Farther east along Sukhumvit, Octave at the Bangkok Marriott Hotel Sukhumvit (on Thonglor) is well worth a visit and in EM District there's the Mojjo Rooftop Lounge & Bar with Cuban accents at the SkyView Hotel in a luxe shopping district. Back in the centre of town (with direct access from the Ploenchit BTS Station) is the Okura Prestige Bangkok with its minimalist but stylish sliver of a bar perched on one side of the 24th floor Up & Above Restaurant. Grab a drink and park outside. The service is exceptional, the seating cosy and uncrowded.

Also linked from the opposite side of the road is the elegant Rosewood Bangkok and its superbly designed Lennon's speakeasy rooftop bar, which boasts one of the largest vinyl collections anywhere. There are over 6,000 records to choose from — with a record player of course — for a decent taste of nostalgia while you sip on cocktails named after familiar tunes. In our first look we described this as "old time magic at its best". Lennon's retains its charm and offers a cigar lounge for the intrepid up a spiral iron stairwell. If you're pottering about early, check out the excellent afternoon tea set at the lobby level Lakorn European Brasserie. The cornmeal fried oyster has just the right savoury crunch and flavour to get a fine evening started.

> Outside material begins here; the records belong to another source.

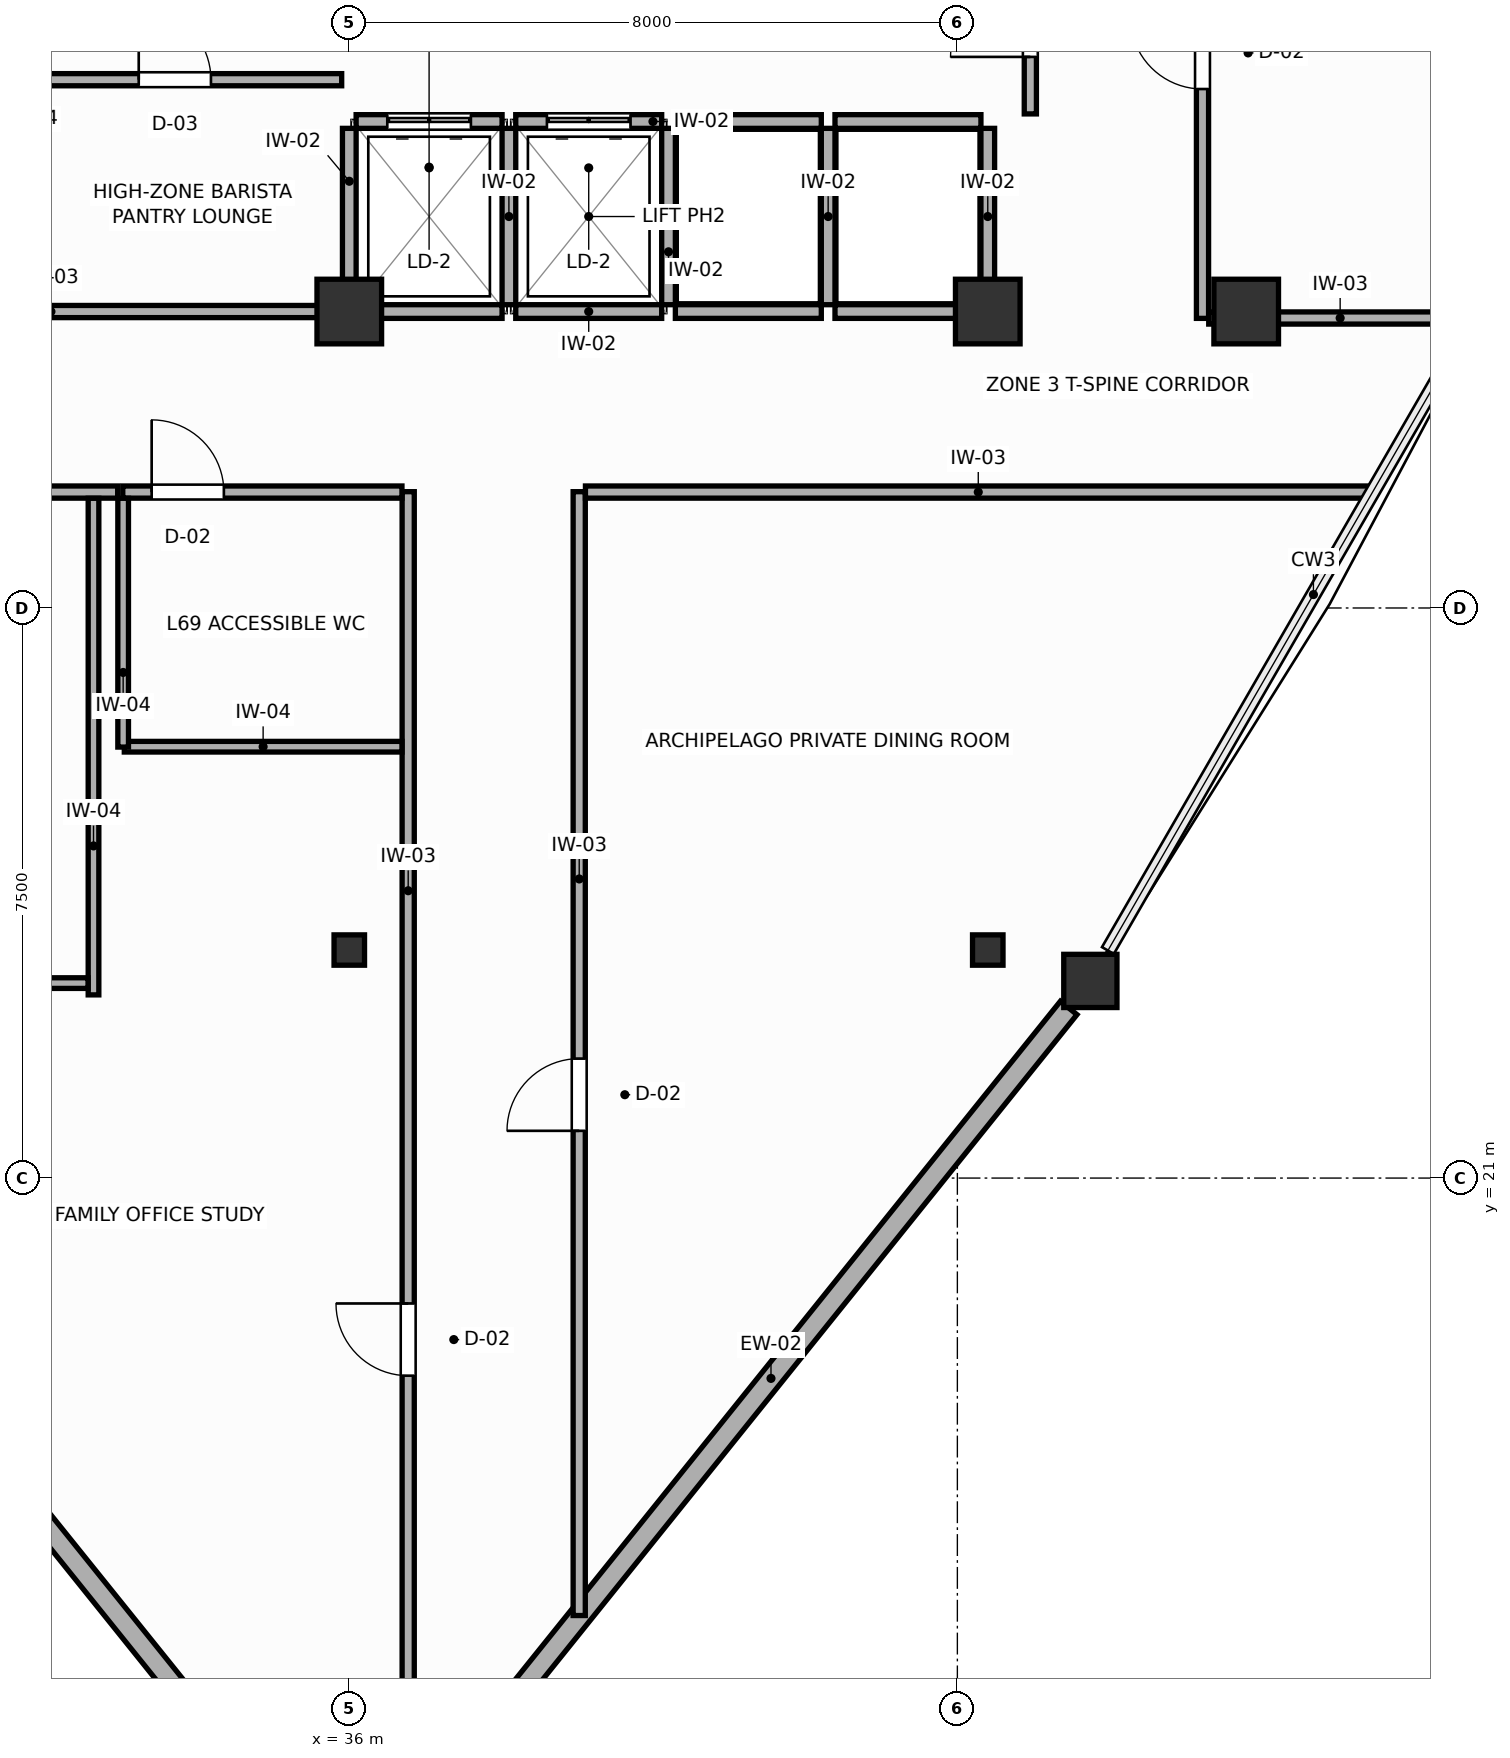
"""IFC4 building model, lengths in metres.
Left out: names, types, materials, properties, quantities, classifications, styles, units other than length and angle.
Written with IfcOpenShell. Run it as: python <this file> out.ifc"""

import sys

from ifc_helpers import new_model, si_unit, direction, frame, frame_2d, origin, origin_2d, place, context, subcontext, project, spatial, rectangle, i_section, extrude, source, transform, mapped, element, fill, save


model = new_model("IFC4")
c1 = context("Model", 3, precision=1e-05, world=origin(), true_north=direction((0.0, 1.0)))
c2 = subcontext(c1, "Body", "Model", "MODEL_VIEW")
j1 = project(units=[si_unit("LENGTHUNIT", "METRE"), si_unit("PLANEANGLEUNIT", "RADIAN")], contexts=[c1])
p1 = place(None, origin())
s1 = spatial("IfcSite", under=j1, at=p1, CompositionType="ELEMENT")
p2 = place(p1, origin())
s2 = spatial("IfcBuilding", under=s1, at=p2, CompositionType="ELEMENT")
p3 = place(p2, frame((0.0, 0.0, 264.6)))
s3 = spatial("IfcBuildingStorey", under=s2, at=p3, CompositionType="ELEMENT", Elevation=264.6)
m1 = source(origin(), c2, "Body", "SweptSolid", [
    extrude(rectangle(XDim=0.85, YDim=0.85, at=origin_2d()), origin(), (0.0, 0.0, 1.0), 3.6),
])
for number, where, z_axis, x_axis in (
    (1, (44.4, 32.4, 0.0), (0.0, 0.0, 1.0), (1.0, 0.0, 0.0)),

Luk Kai Thong airport bites (left), Siam Kempinski marble lobby, Rosewood's Lakorn and tea treats, and Okura Prestige alfresco bar (right), photos: Vijay Verghese

Delicious fried pork at Luk Kai Thong, Suvarnabhumi Airport (left), the stately marble columns and flowers at the Siam Kempinski, Rosewood's Lakorn and tea treats, and stylish Okura bar (right)/ photos: Vijay Verghese

Also connected to Ploenchit BTS via the Central Embassy mall, the Park Hyatt Bangkok is a quiet cream and pale gold confection with lots of feminine curves — draped in seemingly alien steel that ignites at sunset. While the Embassy Room does great tea sets with a violinist in accompaniment, the Penthouse Bar & Grill offers four floors (from the 34th) of lavish views and tastes. Check out the Whiskey Room and the Rooftop Bar. Expect a classy New York vibe. One stop away, via the Central World mall (Chidlom BTS) is the Centara Grand and Bangkok Convention Centre and its 55th floor Red Sky Restaurant.

The Waldorf Astoria Bangkok's 56th floor Loft Bar is all class and sophisticated Art Nouveau for the discerning set. Or bring your mum to the cream pastel Peacock Alley overlooking the Royal Bangkok Sports Club.

The one that started the Bangkok sky bar buzz in 2001 was lebua at State Tower on Silom with its hugely photogenic 64th floor rooftop Sky Bar (that featured in The Hangover) and the alfresco fine dining Sirocco. Another old timer, the dark and matchbox-slim Banyan Tree Bangkok, often marooned in Sathorn traffic, was a hit and remains so with its spectacular Vertigo and blue-lit 61st floor Moon Bar that launched in 2002. Close by, is the 40th floor ZOOM Sky Bar & Restaurant.

The sleeper hit in all this is the Hotel Indigo Bangkok's 26th floor CHAR Rooftop Bar. This is a quiet and classy construct perched not too high but with a fabulous open view (thank the US ambassador's sprawling leafy residence for this) and wonderful skyline vistas. It is convivial, friendly and uncluttered, a place to have a conversation without shouting over the din. Nice music and great cocktails, a short stroll from Ploenchit BTS Station.

For those on the other side of the Chao Phraya River, the two best options are the Avani+ Riverside Bangkok with its hip and Instagrammer-friendly 26th floor infinity sky pool, and the more conventional Millennium Hilton Bangkok (closer to ICON Siam), which offers the relaxing ThreeSixty Rooftop Bar.

But before you say goodbye, at Suvarnabhumi Airport near the F/G Gates (or in town at Siam Paragon and EmQuartier malls), pop into the aromatic, welcoming and comfortable Luk Kai Thong restaurant that specialises in royal Thai cooking. The fried wagyu beef or pork will hit the spot. The startling rooster call when you press the service button on your table will let you know you're at the right place. The chef learned from his mum. You can't really go wrong with that.